Schneider Hauke, Hertel Franziska, Kuhn Matthias, Ragaller Maximilian, Gottschlich Birgit, Trabitzsch Anne, Dengl Markus, Neudert Marcus, Reichmann Heinz, Wöpking Sigrid
Department of Neurology and Dresden University Stroke Center, University Hospital, Technische Universität Dresden, Fetscherstr. 74, 01307, Dresden, Germany.
Institute for Medical Informatics and Biometry, Technische Universität Dresden, Dresden, Germany.
Neurocrit Care. 2017 Aug;27(1):26-34. doi: 10.1007/s12028-017-0390-y.
Tracheostomy is performed in ventilated stroke patients affected by persisting severe dysphagia, reduced level of consciousness, or prolonged mechanical ventilation. The study aim was to determine the frequency and predictors of successful decannulation and long-term functional outcome in tracheotomized stroke patients.
A prospective single-center observational study recruited ventilated patients with ischemic stroke, intracerebral hemorrhage, and subarachnoid hemorrhage. Follow-up visits were performed at hospital discharge, 3, and 12 months. Competing risk analyses were performed to identify predictors of decannulation.

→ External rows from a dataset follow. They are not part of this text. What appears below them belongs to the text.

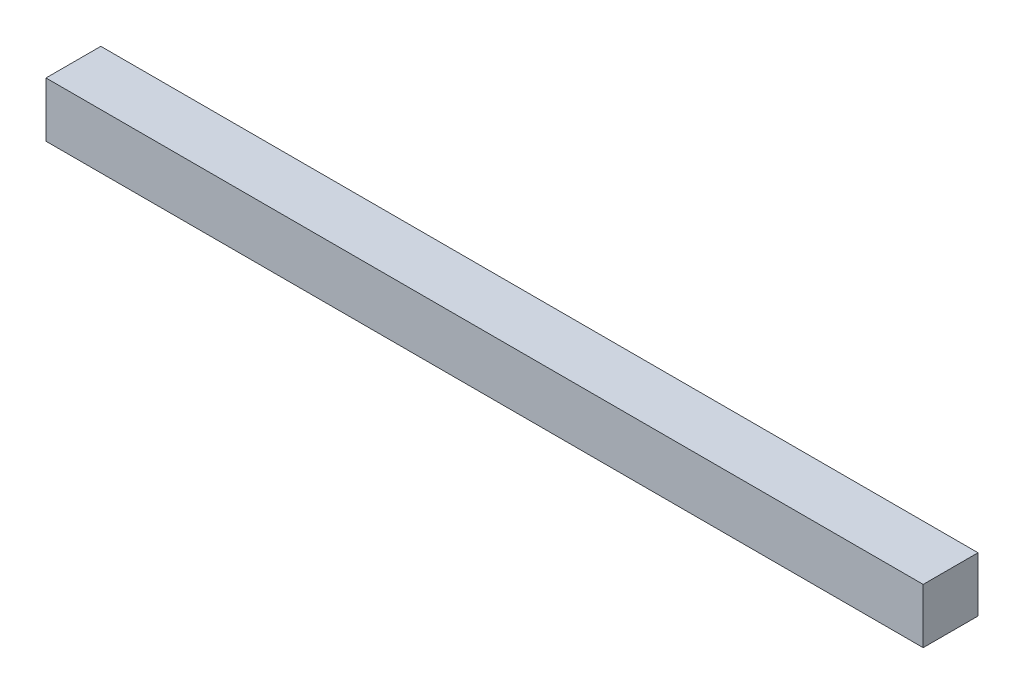
from build123d import *

# Parameters (mm, degrees)
SKETCH_1_W      = 80
SKETCH_1_H      = 5
EXTRUDE_1_DEPTH = 5


with BuildPart() as part:
    # 草图1 → 凸台-拉伸1 (new body)
    with BuildSketch(Plane.XY):
        with Locations((40, 2.5)):
            Rectangle(SKETCH_1_W, SKETCH_1_H)
    extrude(amount=EXTRUDE_1_DEPTH)


solid = part.part
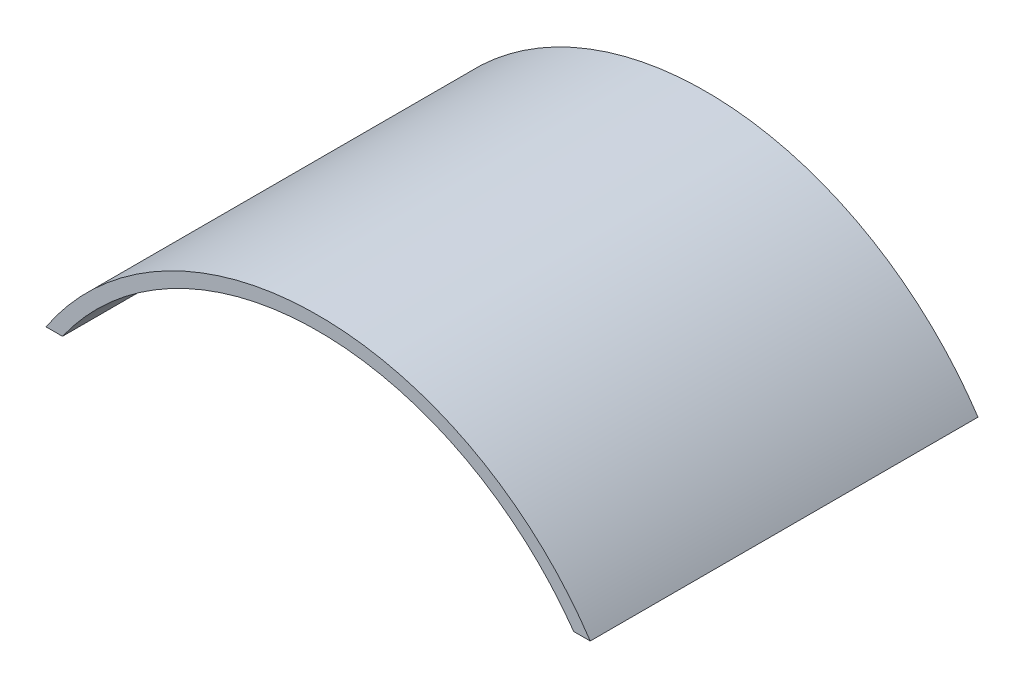
from build123d import *

# Parameters (mm, degrees)
BOSS_EXTRUDE1_DEPTH = 28.5


with BuildPart() as part:
    # Sketch1 → Boss-Extrude1 (new, symmetric)
    with BuildSketch(Plane.XY):
        with BuildLine():
            Line((-40, 26.532998323), (-37.576588456, 26.532998323))
            ThreePointArc((-37.576588456, 26.532998323), (0, 46), (37.576588456, 26.532998323))
            Line((37.576588456, 26.532998323), (40, 26.532998323))
            ThreePointArc((40, 26.532998323), (0, 48), (-40, 26.532998323))
        make_face()
    extrude(amount=BOSS_EXTRUDE1_DEPTH, both=True)


solid = part.part

We included 53 ventilated stroke patients who had tracheostomy. One year after tracheostomy, 19 patients were decannulated (median [IQR] time to decannulation 74 [58-117] days), 13 patients were permanently cannulated, and 21 patients died without prior removal of the cannula. Independent predictors for decannulation in our cohort were patient age (HR 0.95 [95% CI: 0.92-0.99] per one year increase, p = 0.003) and absence of sepsis (HR 4.44 [95% CI: 1.33-14.80], p = 0.008). Compared to surviving patients without cannula removal, decannulated patients had an improved functional outcome after one year (median modified Rankin Scale score 4 vs. 5 [p < 0.001]; median Barthel index 35 vs. 5 [p < 0.001]).
Decannulation was achieved in 59.4% of stroke patients surviving the first 12 months after tracheostomy and was associated with better functional outcome compared to patients without decannulation. Further prospective studies with larger sample sizes are needed to confirm our results.
对于因持续严重吞咽困难、意识水平降低或机械通气时间延长而接受通气治疗的中风患者,需行气管切开术。本研究的目的是确定气管切开术后中风患者成功拔管的频率和预测因素以及长期功能结局。
一项前瞻性单中心观察性研究纳入了患有缺血性中风、脑出血和蛛网膜下腔出血的通气患者。在出院时、3个月和12个月进行随访。进行竞争风险分析以确定拔管的预测因素。
我们纳入了53例接受气管切开术的通气中风患者。气管切开术后一年,19例患者拔管(拔管的中位[IQR]时间为74[58 - 117]天),13例患者永久带管,21例患者未事先拔管即死亡。我们队列中拔管的独立预测因素为患者年龄(每增加一岁,HR为0.95[95%CI:0.92 - 0.99],p = 0.003)和无脓毒症(HR为4.44[95%CI:1.33 - 14.80],p = 0.008)。与存活但未拔管的患者相比,拔管患者一年后的功能结局有所改善(改良Rankin量表中位评分4比5[p < 0.001];Barthel指数中位评分35比5[p < 0.001])。
气管切开术后存活前12个月的中风患者中有59.4%实现了拔管,与未拔管的患者相比,功能结局更好。需要进一步开展更大样本量的前瞻性研究来证实我们的结果。